Было бы легче, если бы Боб умер сразу.

Он чувствовал себя виноватым за то, что допускает такие мысли, что эгоистически ставит свои интересы выше благополучия собственного отца, но в такой час он не мог лгать самому себе и мог признаться, что перспектива ухода за инвалидом страшит его безмерно.

Спустив воду, он вернулся в спальню. Он думал, что теперь будет ворочаться до утра, постоянно прокручивая в полусонном сознании самые негативные сценарии развития событий, но на самом деле уснул, едва голова коснулась подушки.

Но за мгновение до того, как провалиться в забытье, ему показалось, что вновь зазвучали чьи-то голоса.

Ему показалось, кто-то произнес отцовское имя.
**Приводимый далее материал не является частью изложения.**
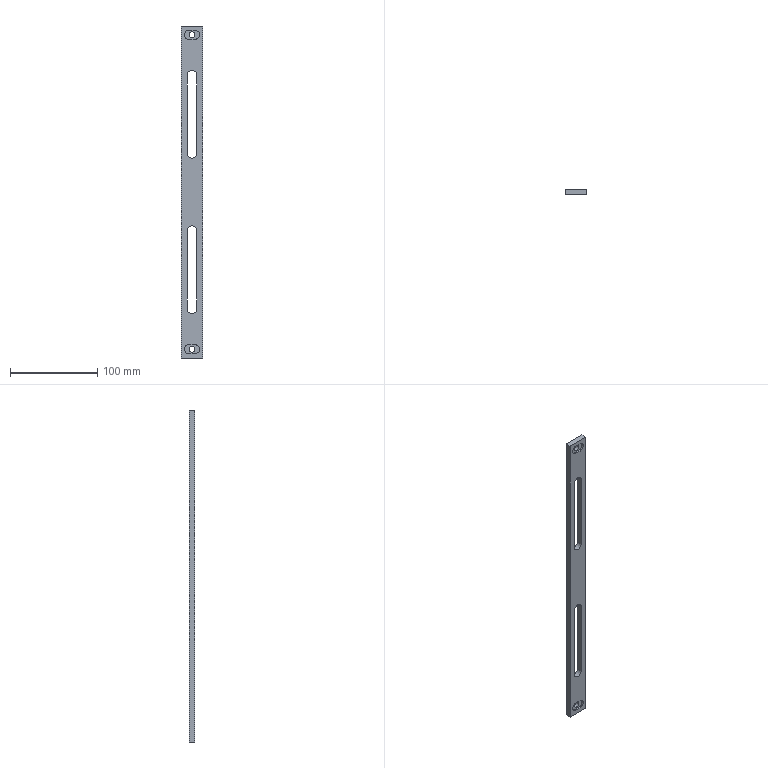Component | SolidWorks | SL021-102-4098.SL4PRT-6 | 1 solid | 30 faces | box 25 x 6 x 380 mm | volume 43743 mm3 | plane 16 | cylinder 14 | commonest cylinder face diameters 10.2 x6 6.5 x4 10.5 x4 | material AL6061
build123d program:
from build123d import *

# Parameters (mm, degrees)
SKETCH1_W                  = 380
SKETCH1_H                  = 25
BOSS_EXTRUDE1_DEPTH        = 3
CUT_EXTRUDE1_DEPTH         = 191.505
F_8_5_8_5_DIAMETER_HOLE1_D = 6.5
CUT_EXTRUDE2_DEPTH         = 2


with BuildPart() as part:
    # Sketch1 → Boss-Extrude1 (new, symmetric)
    with BuildSketch(Plane(origin=(0, 0, 0), x_dir=(1, 0, 0), z_dir=(0, 1, 0))):
        Rectangle(SKETCH1_W, SKETCH1_H)
    extrude(amount=BOSS_EXTRUDE1_DEPTH, both=True)

    # Sketch2 → Cut-Extrude1 (cut, through all)
    with BuildSketch(Plane(origin=(0, 3, 0), x_dir=(1, 0, 0), z_dir=(0, 1, 0))):
        with BuildLine():
            Line((-44, -5.25), (-134, -5.25))
            ThreePointArc((-134, -5.25), (-139.25, 0), (-134, 5.25))
            Line((-134, 5.25), (-44, 5.25))
            ThreePointArc((-44, 5.25), (-38.75, 0), (-44, -5.25))
        make_face()
        with BuildLine():
            Line((44, -5.25), (134, -5.25))
            ThreePointArc((134, -5.25), (139.25, 0), (134, 5.25))
            Line((134, 5.25), (44, 5.25))
            ThreePointArc((44, 5.25), (38.75, 0), (44, -5.25))
        make_face()
    extrude(amount=-CUT_EXTRUDE1_DEPTH, mode=Mode.SUBTRACT)

    # 8.5 _8.5_ Diameter Hole1 (through all)
    with Locations(Plane(origin=(0, -3, 0), x_dir=(-1, 0, 0), z_dir=(0, -1, 0))):
        with Locations((180, 0), (-180, 0)):
            Hole(F_8_5_8_5_DIAMETER_HOLE1_D / 2)

    # Sketch6 → Cut-Extrude2 (cut)
    with BuildSketch(Plane.XZ.offset(3)):
        with BuildLine():
            Line((-174.9, 3.5), (-174.9, -3.5))
            ThreePointArc((-174.9, -3.5), (-180, -8.6), (-185.1, -3.5))
            Line((-185.1, -3.5), (-185.1, 3.5))
            ThreePointArc((-185.1, 3.5), (-180, 8.6), (-174.9, 3.5))
        make_face()
        with BuildLine():
            Line((174.9, 3.5), (174.9, -3.5))
            ThreePointArc((174.9, -3.5), (180, -8.6), (185.1, -3.5))
            Line((185.1, -3.5), (185.1, 3.5))
            ThreePointArc((185.1, 3.5), (180, 8.6), (174.9, 3.5))
        make_face()
    extrude(amount=-CUT_EXTRUDE2_DEPTH, mode=Mode.SUBTRACT)


solid = part.part

# Placed as in the assembly
solid = solid.moved(Location((-48.663, -105.499, -151.378), (0, 90, 0)))
STEP:
#1=COLOUR_RGB('',0.7922,0.8196,0.9333);
#2=FILL_AREA_STYLE_COLOUR('',#1);
#3=FILL_AREA_STYLE('',(#2));
#4=SURFACE_STYLE_FILL_AREA(#3);
#5=SURFACE_SIDE_STYLE('',(#4));
#6=SURFACE_STYLE_USAGE(.BOTH.,#5);
#7=PRESENTATION_STYLE_ASSIGNMENT((#6));
#8=CARTESIAN_POINT('',(-1.577,-4.193,1.127));
#9=VERTEX_POINT('',#8);
#10=CARTESIAN_POINT('',(-1.778,-4.193,1.328));
#11=VERTEX_POINT('',#10);
#12=CARTESIAN_POINT('',(-1.778,-4.193,1.127));
#13=DIRECTION('',(0.,-1.,0.));
#14=DIRECTION('',(-1.,0.,0.));
#15=AXIS2_PLACEMENT_3D('',#12,#13,#14);
#16=CIRCLE('',#15,0.2008);
#17=EDGE_CURVE('',#9,#11,#16,.T.);
#18=ORIENTED_EDGE('',*,*,#17,.F.);
#19=CARTESIAN_POINT('',(-1.577,-4.272,1.127));
#20=VERTEX_POINT('',#19);
#21=CARTESIAN_POINT('',(-1.577,-4.193,1.127));
#22=DIRECTION('',(0.,-1.,0.));
#23=VECTOR('',#22,39.37);
#24=LINE('',#21,#23);
#25=EDGE_CURVE('',#9,#20,#24,.T.);
#26=ORIENTED_EDGE('',*,*,#25,.T.);
#27=CARTESIAN_POINT('',(-1.778,-4.272,1.328));
#28=VERTEX_POINT('',#27);
#29=CARTESIAN_POINT('',(-1.778,-4.272,1.127));
#30=DIRECTION('',(0.,-1.,0.));
#31=DIRECTION('',(-1.,0.,0.));
#32=AXIS2_PLACEMENT_3D('',#29,#30,#31);
#33=CIRCLE('',#32,0.2008);
#34=EDGE_CURVE('',#20,#28,#33,.T.);
#35=ORIENTED_EDGE('',*,*,#34,.T.);
#36=CARTESIAN_POINT('',(-1.778,-4.193,1.328));
#37=DIRECTION('',(0.,-1.,0.));
#38=VECTOR('',#37,39.37);
#39=LINE('',#36,#38);
#40=EDGE_CURVE('',#11,#28,#39,.T.);
#41=ORIENTED_EDGE('',*,*,#40,.F.);
#42=EDGE_LOOP('',(#18,#26,#35,#41));
#43=FACE_OUTER_BOUND('',#42,.T.);
#44=CARTESIAN_POINT('',(-1.778,-4.193,1.127));
#45=DIRECTION('',(0.,-1.,0.));
#46=DIRECTION('',(1.,0.,0.));
#47=AXIS2_PLACEMENT_3D('',#44,#45,#46);
#48=CYLINDRICAL_SURFACE('',#47,0.2008);
#49=ADVANCED_FACE('',(#43),#48,.F.);
#50=CARTESIAN_POINT('',(-1.577,-4.193,-13.046));
#51=VERTEX_POINT('',#50);
#52=CARTESIAN_POINT('',(-1.778,-4.193,-12.846));
#53=VERTEX_POINT('',#52);
#54=CARTESIAN_POINT('',(-1.778,-4.193,-13.046));
#55=DIRECTION('',(0.,-1.,0.));
#56=DIRECTION('',(1.,0.,0.));
#57=AXIS2_PLACEMENT_3D('',#54,#55,#56);
#58=CIRCLE('',#57,0.2008);
#59=EDGE_CURVE('',#51,#53,#58,.T.);
#60=ORIENTED_EDGE('',*,*,#59,.F.);
#61=CARTESIAN_POINT('',(-1.577,-4.272,-13.046));
#62=VERTEX_POINT('',#61);
#63=CARTESIAN_POINT('',(-1.577,-4.193,-13.046));
#64=DIRECTION('',(0.,-1.,0.));
#65=VECTOR('',#64,39.37);
#66=LINE('',#63,#65);
#67=EDGE_CURVE('',#51,#62,#66,.T.);
#68=ORIENTED_EDGE('',*,*,#67,.T.);
#69=CARTESIAN_POINT('',(-1.778,-4.272,-12.846));
#70=VERTEX_POINT('',#69);
#71=CARTESIAN_POINT('',(-1.778,-4.272,-13.046));
#72=DIRECTION('',(0.,-1.,0.));
#73=DIRECTION('',(1.,0.,0.));
#74=AXIS2_PLACEMENT_3D('',#71,#72,#73);
#75=CIRCLE('',#74,0.2008);
#76=EDGE_CURVE('',#62,#70,#75,.T.);
#77=ORIENTED_EDGE('',*,*,#76,.T.);
#78=CARTESIAN_POINT('',(-1.778,-4.193,-12.846));
#79=DIRECTION('',(0.,-1.,0.));
#80=VECTOR('',#79,39.37);
#81=LINE('',#78,#80);
#82=EDGE_CURVE('',#53,#70,#81,.T.);
#83=ORIENTED_EDGE('',*,*,#82,.F.);
#84=EDGE_LOOP('',(#60,#68,#77,#83));
#85=FACE_OUTER_BOUND('',#84,.T.);
#86=CARTESIAN_POINT('',(-1.778,-4.193,-13.046));
#87=DIRECTION('',(0.,-1.,0.));
#88=DIRECTION('',(1.,0.,0.));
#89=AXIS2_PLACEMENT_3D('',#86,#87,#88);
#90=CYLINDRICAL_SURFACE('',#89,0.2008);
#91=ADVANCED_FACE('',(#85),#90,.F.);
#92=CARTESIAN_POINT('',(-2.044,-4.035,1.127));
#93=VERTEX_POINT('',#92);
#94=CARTESIAN_POINT('',(-1.788,-4.035,1.127));
#95=VERTEX_POINT('',#94);
#96=CARTESIAN_POINT('',(-1.916,-4.035,1.127));
#97=DIRECTION('',(0.,-1.,0.));
#98=DIRECTION('',(1.,0.,0.));
#99=AXIS2_PLACEMENT_3D('',#96,#97,#98);
#100=CIRCLE('',#99,0.128);
#101=EDGE_CURVE('',#93,#95,#100,.T.);
#102=ORIENTED_EDGE('',*,*,#101,.F.);
#103=CARTESIAN_POINT('',(-2.044,-4.193,1.127));
#104=VERTEX_POINT('',#103);
#105=CARTESIAN_POINT('',(-2.044,-4.272,1.127));
#106=DIRECTION('',(0.,-1.,0.));
#107=VECTOR('',#106,39.37);
#108=LINE('',#105,#107);
#109=EDGE_CURVE('',#93,#104,#108,.T.);
#110=ORIENTED_EDGE('',*,*,#109,.T.);
#111=CARTESIAN_POINT('',(-1.788,-4.193,1.127));
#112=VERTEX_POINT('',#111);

Майлс проснулся по будильнику и на автомате исполнил все свои утренние процедуры – принял душ, побрился, потом пошел на кухню готовить завтрак.

Он запланировал себе утром поработать, а с середины дня взять отгул. За последнее время он брал слишком много отгулов, и хотя агентство проявляло понимание и терпимость, он чувствовал себя виноватым. Да, конечно, за все время работы здесь он не брал ни одного дня по болезни, так что давно пора было использовать свободные дни, и тем не менее он ощущал дискомфорт.

Утро было холодным, туманным. Он пил кофе с тостами и смотрел новости. В автомобильной сводке сообщили об авариях и опасных ситуациях на Пятом, Десятом и Семьсот десятом шоссе. Он решил добираться до работы смежными улочками, поэтому быстро допил кофе, чтобы иметь на дорогу минут пятнадцать в запасе.

Машина стояла вся мокрая от конденсата. Забросив портфель внутрь, он взял шланг и промыл стекла. В Анахайме, где прошло его детство, утренний туман всегда пах прелыми помидорами с завода Ханта в соседнем Фуллертоне. Хотя на самом деле запаха никакого не было, казалось, туман вбирает в себя все посторонние запахи, а затем распространяет их. И сейчас, спустя столько лет, каждый раз при виде тумана, который не пахнет помидорами, Майлсу казалось, что что-то не так.